Portland Month Four, post Valentine's and pre-President' Day Edition, or a year of change.Loretta Lynn and Jack White lost their minds on buckets of sloe gin fizz here in Portland, me I've just lost my voice.
(savors small victory of a whole sentance, goes out the porch to smoke a victory cigarette)
so fine then, some bulleted thoughts.
* it's a push pull.
* I still don't have a job, this alternately demoralizing and a lesson in stoicism.
* I sort of hate the weather, and I sort of like watching it.
* bulbs of unknown provenance are pushing up in my garden, this delights me.
* I miss california, but I prefer skiing in Oregon.
* the skies here are more dramatic, but less blue.
* loneliness rains hard, so does hope.
* it's a pull push.
* no one ever said it would be easy.
* I can't really gauge my emotions, they zing wildly across a rainbow fucking pallette.
* I am fighting to do the best I can to secure employment.
* I am doing the best I can to meet people, which is both invigorating and totally draining. When in your previous life your newest friendships are five years old, it's really hard to insinuate yourself into a group of people who have known each other forever.... History counts, if only anecdotally, remember when I fell down here, or I fell down there, or my ex-husband fell down your stairs. Mutual remberences are the ties that bind, here I build anew. I am on the ground floor, impatient with my building blocks.
I had an exceptionally crap week last week, it was the triple header of the supreme slugishness of mid-february and stupid valentine's day and my hormones gone into a gruesome downward spiral. It took every ounce of fortitude not to spend every day until April hiding under my bed.
Bright spots on the horizon, P and M will be here in March. Skiing tomorrow on the sweet rock sulphur mountain. Days are longer, stars are brighter. It's a push pull, it's a pull push.
Next weekend will mark the year anniversary of my decision to leave. A hasty decision, as they always nearly are. A heated moment, followed by a shining moment of clarity. Maybe. Maybe I think what the fuck was I thinking. I close my eyes for a moment and let a year slip by, tennis games and Marin, and golden gate park and dinners out and emergency rooms, a couple of surgeries and landscapes and traffic, my beloveds, all of my old friends, old loves, old rooms, pieces of my life left on the corner of Haight and Ashbury to be scavenged and discarded, night blooming jasmine on forgotten walks home, drunk in long closed dive bars, peace on a ferry, dancing with the gays, falling in love in neighborhoods, getting heartbroken on street corners, beds I have slept in as the fog rolled in, my poor beleaguered ficus tree.

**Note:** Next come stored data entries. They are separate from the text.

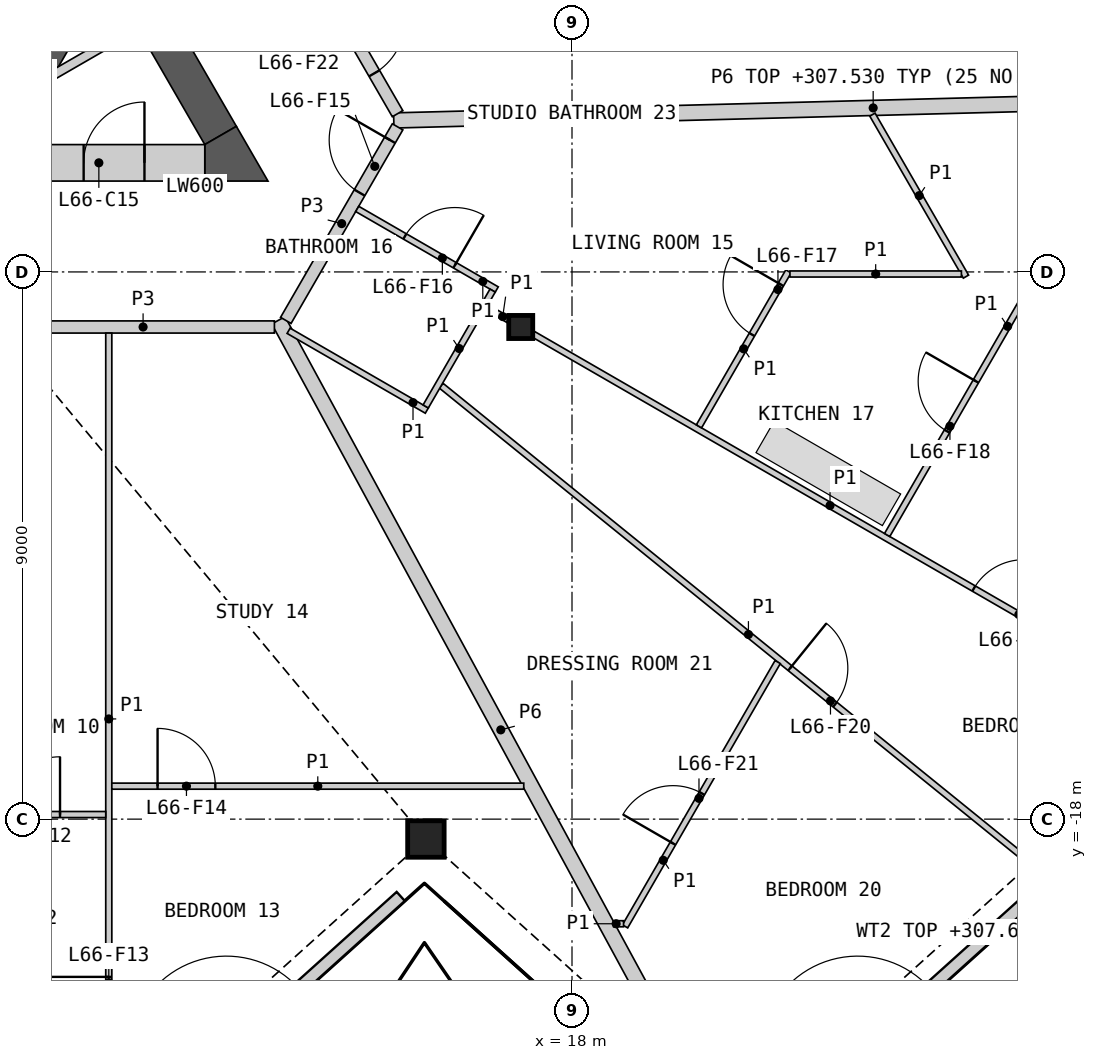
"""IFC4 building model, lengths in metres.
Left out: names, types, materials, properties, quantities, classifications, styles, units other than length and angle.
Written with IfcOpenShell. Run it as: python <this file> out.ifc"""

import sys

from ifc_helpers import new_model, si_unit, direction, frame, frame_2d, origin, origin_2d, place, context, subcontext, project, spatial, polyline, rectangle, hollow_rectangle, i_section, outline, extrude, element, fill, save


model = new_model("IFC4")
c1 = context("Model", 3, precision=1e-05, world=origin(), true_north=direction((0.0, 1.0)))
c2 = subcontext(c1, "Body", "Model", "MODEL_VIEW")
j1 = project(units=[si_unit("LENGTHUNIT", "METRE"), si_unit("PLANEANGLEUNIT", "RADIAN")], contexts=[c1])
p1 = place(None, origin())
s1 = spatial("IfcSite", under=j1, at=p1, CompositionType="ELEMENT")
p2 = place(p1, origin())
s2 = spatial("IfcBuilding", under=s1, at=p2, CompositionType="ELEMENT")
p3 = place(p2, frame((0.0, 0.0, 305.2)))
s3 = spatial("IfcBuildingStorey", under=s2, at=p3, CompositionType="ELEMENT", Elevation=305.2)
p4 = place(p3, frame((15.597, -18.327, 0.0), z_axis=(0.0, 0.0, 1.0), x_axis=(1.0, 0.0, 0.0)))
e1 = element("IfcColumn", 1, at=p4, inside=s3, PredefinedType="COLUMN", context=c2, shape_type="SweptSolid", body=[
    extrude(hollow_rectangle(XDim=0.6, YDim=0.6, WallThickness=0.04, at=origin_2d()), origin(), (0.0, 0.0, 1.0), 3.4),
])
p5 = place(p3, frame((17.157, -9.906, 0.0), z_axis=(0.0, 0.0, 1.0), x_axis=(1.0, 0.0, 0.0)))
e2 = element("IfcColumn", 2, at=p5, inside=s3, PredefinedType="COLUMN", context=c2, shape_type="SweptSolid", body=[
    extrude(i_section(OverallWidth=0.396, OverallDepth=0.381, WebThickness=0.019, FlangeThickness=0.03, at=origin_2d()), origin(), (0.0, 0.0, 1.0), 3.4),
])
p6 = place(p3, frame((10.485, -23.501, 0.0), z_axis=(0.0, 0.0, 1.0), x_axis=(0.743134744054, 0.669141802745, 0.0)))
e3 = element("IfcWall", 3, at=p6, inside=s3, PredefinedType="SOLIDWALL", context=c2, shape_type="SweptSolid", body=[
    extrude(rectangle(XDim=6.322, YDim=0.2, at=frame_2d((3.161, 0.0))), origin(), (0.0, 0.0, 1.0), 2.488),
])
p7 = place(p6, frame((2.463, 0.0, 0.0)))
e4 = element("IfcOpeningElement", 4, at=p7, cuts=e3, PredefinedType="OPENING", context=c2, shape_type="SweptSolid", body=[
    extrude(rectangle(XDim=1.6, YDim=2.25, at=frame_2d((0.8, 1.125))), frame((0.0, 0.11, 0.0), z_axis=(0.0, -1.0, 0.0), x_axis=(1.0, 0.0, 0.0)), (0.0, 0.0, 1.0), 0.22),
])
p8 = place(p3, frame((20.806, -23.556, 0.0), z_axis=(0.0, 0.0, 1.0), x_axis=(0.743145048269, 0.669130358924, 0.0)))
e5 = element("IfcWall", 5, at=p8, inside=s3, PredefinedType="SOLIDWALL", context=c2, shape_type="SweptSolid", body=[
    extrude(rectangle(XDim=6.759, YDim=0.2, at=frame_2d((3.379, 0.0))), origin(), (0.0, 0.0, 1.0), 2.488),
])
p9 = place(p8, frame((2.545, 0.0, 0.0)))
e6 = element("IfcOpeningElement", 6, at=p9, cuts=e5, PredefinedType="OPENING", context=c2, shape_type="SweptSolid", body=[
    extrude(rectangle(XDim=1.6, YDim=2.25, at=frame_2d((0.8, 1.125))), frame((0.0, 0.11, 0.0), z_axis=(0.0, -1.0, 0.0), x_axis=(1.0, 0.0, 0.0)), (0.0, 0.0, 1.0), 0.22),
])
p10 = place(p3, frame((30.488, -6.078, 0.0), z_axis=(0.0, 0.0, 1.0), x_axis=(-0.951062515241, 0.308998530908, 0.0)))
e7 = element("IfcWall", 7, at=p10, inside=s3, PredefinedType="SOLIDWALL", context=c2, shape_type="SweptSolid", body=[
    extrude(rectangle(XDim=6.117, YDim=0.2, at=frame_2d((3.059, 0.0))), origin(), (0.0, 0.0, 1.0), 2.488),
])
p11 = place(p10, frame((2.259, 0.0, 0.0)))
e8 = element("IfcOpeningElement", 8, at=p11, cuts=e7, PredefinedType="OPENING", context=c2, shape_type="SweptSolid", body=[
    extrude(rectangle(XDim=1.6, YDim=2.25, at=frame_2d((0.8, 1.125))), frame((0.0, 0.11, 0.0), z_axis=(0.0, -1.0, 0.0), x_axis=(1.0, 0.0, 0.0)), (0.0, 0.0, 1.0), 0.22),
])
p12 = place(p3, origin())
e9 = element("IfcWall", 9, at=p12, inside=s3, PredefinedType="SHEAR", context=c2, shape_type="SweptSolid", body=[
    extrude(outline(polyline([(8.83, -6.881), (10.374, -4.206), (10.032, -4.298), (8.738, -6.539), (8.83, -6.881)])), origin(), (0.0, 0.0, 1.0), 3.1),
])
p13 = place(p3, frame((10.842, -4.967, 0.0), z_axis=(0.0, 0.0, 1.0), x_axis=(-0.866098216386, -0.499873863663, 0.0)))
e10 = element("IfcWall", 10, at=p13, inside=s3, PredefinedType="PARTITIONING", context=c2, shape_type="SweptSolid", body=[
    extrude(rectangle(XDim=1.582, YDim=0.15, at=frame_2d((0.791, 0.0))), origin(), (0.0, 0.0, 1.0), 3.1),
])
p14 = place(p3, frame((12.221, -6.756, 0.0), z_axis=(0.0, 0.0, 1.0), x_axis=(-0.500020646047, 0.866013483456, 0.0)))
e11 = element("IfcWall", 11, at=p14, inside=s3, PredefinedType="SHEAR", context=c2, shape_type="SweptSolid", body=[
    extrude(rectangle(XDim=4.559, YDim=0.6, at=frame_2d((2.28, 0.0))), origin(), (0.0, 0.0, 1.0), 3.1),
])
p15 = place(p3, origin())
e12 = element("IfcWall", 12, at=p15, inside=s3, PredefinedType="SHEAR", context=c2, shape_type="SweptSolid", body=[
    extrude(outline(polyline([(11.961, -7.506), (11.961, -6.906), (12.48, -6.606), (13.0, -7.506), (11.961, -7.506)])), origin(), (0.0, 0.0, 1.0), 3.1),
])
p16 = place(p3, frame((9.369, -7.206, 0.0), z_axis=(0.0, 0.0, 1.0), x_axis=(1.0, 0.0, 0.0)))
e13 = element("IfcWall", 13, at=p16, inside=s3, PredefinedType="SHEAR", context=c2, shape_type="SweptSolid", body=[
    extrude(rectangle(XDim=2.592, YDim=0.6, at=frame_2d((1.296, 0.0))), origin(), (0.0, 0.0, 1.0), 3.1),
])
p17 = place(p16, frame((0.6, 0.0, 0.0)))
e14 = element("IfcOpeningElement", 14, at=p17, cuts=e13, PredefinedType="OPENING", context=c2, shape_type="SweptSolid", body=[
    extrude(rectangle(XDim=1.0, YDim=2.1, at=frame_2d((0.5, 1.05))), frame((0.0, 0.31, 0.0), z_axis=(0.0, -1.0, 0.0), x_axis=(1.0, 0.0, 0.0)), (0.0, 0.0, 1.0), 0.62),
])
p18 = place(p3, frame((15.069, -6.509, 0.0), z_axis=(0.0, 0.0, 1.0), x_axis=(0.999657828615, 0.026157708023, 0.0)))
e15 = element("IfcWall", 15, at=p18, inside=s3, PredefinedType="PARTITIONING", context=c2, shape_type="SweptSolid", body=[
    extrude(rectangle(XDim=15.773, YDim=0.25, at=frame_2d((7.887, 0.0))), origin(), (0.0, 0.0, 1.0), 2.33),
])
p19 = place(p3, frame((13.171, -9.796, 0.0), z_axis=(0.0, 0.0, 1.0), x_axis=(0.477178668135, -0.878806303275, 0.0)))
e16 = element("IfcWall", 16, at=p19, inside=s3, PredefinedType="PARTITIONING", context=c2, shape_type="SweptSolid", body=[
    extrude(rectangle(XDim=15.33, YDim=0.25, at=frame_2d((7.665, 0.0))), origin(), (0.0, 0.0, 1.0), 2.33),
])
p20 = place(p3, frame((8.786, -9.906, 0.0), z_axis=(0.0, 0.0, 1.0), x_axis=(1.0, 0.0, 0.0)))
e17 = element("IfcWall", 17, at=p20, inside=s3, PredefinedType="PARTITIONING", context=c2, shape_type="SweptSolid", body=[
    extrude(rectangle(XDim=4.32, YDim=0.2, at=frame_2d((2.16, 0.0))), origin(), (0.0, 0.0, 1.0), 3.1),
])
p21 = place(p3, frame((12.988, -2.684, 0.0), z_axis=(0.0, 0.0, 1.0), x_axis=(0.500003406062, -0.866023437285, 0.0)))
e18 = element("IfcWall", 18, at=p21, inside=s3, PredefinedType="PARTITIONING", context=c2, shape_type="SweptSolid", body=[
    extrude(rectangle(XDim=4.288, YDim=0.2, at=frame_2d((2.144, 0.0))), origin(), (0.0, 0.0, 1.0), 3.1),
])
p22 = place(p21, frame((2.521, 0.0, 0.0)))
e19 = element("IfcOpeningElement", 19, at=p22, cuts=e18, PredefinedType="OPENING", context=c2, shape_type="SweptSolid", body=[
    extrude(rectangle(XDim=1.0, YDim=2.1, at=frame_2d((0.5, 1.05))), frame((0.0, 0.11, 0.0), z_axis=(0.0, -1.0, 0.0), x_axis=(1.0, 0.0, 0.0)), (0.0, 0.0, 1.0), 0.22),
])
p23 = place(p3, frame((13.293, -9.797, 0.0), z_axis=(0.0, 0.0, 1.0), x_axis=(0.499967746641, 0.866044024469, 0.0)))
e20 = element("IfcWall", 20, at=p23, inside=s3, PredefinedType="PARTITIONING", context=c2, shape_type="SweptSolid", body=[
    extrude(rectangle(XDim=3.676, YDim=0.2, at=frame_2d((1.838, 0.0))), origin(), (0.0, 0.0, 1.0), 3.1),
])
p24 = place(p23, frame((2.426, 0.0, 0.0)))
e21 = element("IfcOpeningElement", 21, at=p24, cuts=e20, PredefinedType="OPENING", context=c2, shape_type="SweptSolid", body=[
    extrude(rectangle(XDim=1.0, YDim=2.1, at=frame_2d((0.5, 1.05))), frame((0.0, 0.11, 0.0), z_axis=(0.0, -1.0, 0.0), x_axis=(1.0, 0.0, 0.0)), (0.0, 0.0, 1.0), 0.22),
])
p25 = place(p3, frame((15.848, -10.871, 0.0), z_axis=(0.0, 0.0, 1.0), x_axis=(0.77713687197, -0.629331615465, 0.0)))
e22 = element("IfcWall", 22, at=p25, inside=s3, PredefinedType="PARTITIONING", context=c2, shape_type="SweptSolid", body=[
    extrude(rectangle(XDim=13.004, YDim=0.1, at=frame_2d((6.502, 0.0))), origin(), (0.0, 0.0, 1.0), 2.33),
])
p26 = place(p25, frame((7.384, 0.0, 0.0)))
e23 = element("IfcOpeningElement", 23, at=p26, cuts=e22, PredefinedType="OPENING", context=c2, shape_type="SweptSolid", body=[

My hands blackened by newsprint as I set about undoing a life. The ruthlessness of packing, where you thought you ought to be gentle, fatigue and frustration and straight up grief cause you to thrust things in boxes or tossed without a second thought onto the trash pile. The sidewalk pile.
I think I have had maybe three thoughts about my apartment since I left it. One would think that after a decade, that there would be something, but I don't seem to be able to muster any nostalgia (was it time, I think it was time) Though I can summon the rooms with little trouble, I can walk through them in the drifting between sleep and dream. Sometimes it's startling, I was eating out the other night and suddenly I was at All You Knead, and suddenly I was eating chicken parmesan seven months earlier with a book I had long finished, but felt the uneven booth beneath me and heard the regular sounds of Haight Street, watched the fog bluster down the victorian canyons, paid my check and rose to leave, three steps through the gate, first door on your left....
That's where it ends. Though I could tell you the rest, the long walk down the hall to the bathtub, the ritual of lowering the blinds, howI never played the music loud out of courtesy to the neighbors I never really knew.
I still don't. Play the music loud, that it is. Even though here on my isolated corner, I've got a school behind me, the street to left, my elderly spying Chinese neighbors across the street and a girl my age to my right. And I have a lawn that needs to be raked, but that is beside the point.
So a year later, after all the execution of so much change, with so much familiar laid at the guillotine, with so many simplistic hangings of things that were dear to me in the name of change, which our politicians tout as some sweet necter, but I can tell you that I am adamantly not fooled. This kind of massive change sets you up for nought but grappling in an unfamiliar dark, the moon and the stars have shifted in the northern skies and you struggle for a fucking toehold and it's cold, people here speak a strange northwestern tongue and I miss the ocean like I miss the better parts of my californian soul.
Rash decisions aside. Here I am for better or for worse, and I am just optimistic enough to believe the former. And if you saw my house you would probably concur, it's not by any means perfect, but for what I could afford, snow white and her team of dwarve architects couldn't have given any better.
I am still not sorry I left. I love you San Francisco and all the friends and the memories that you hold. I have been bereft and achy without you, I fumble along this unfamiliar territory, or rather should I say I bob, in hopes of clement seas, in hope, that is all. Except that it's not.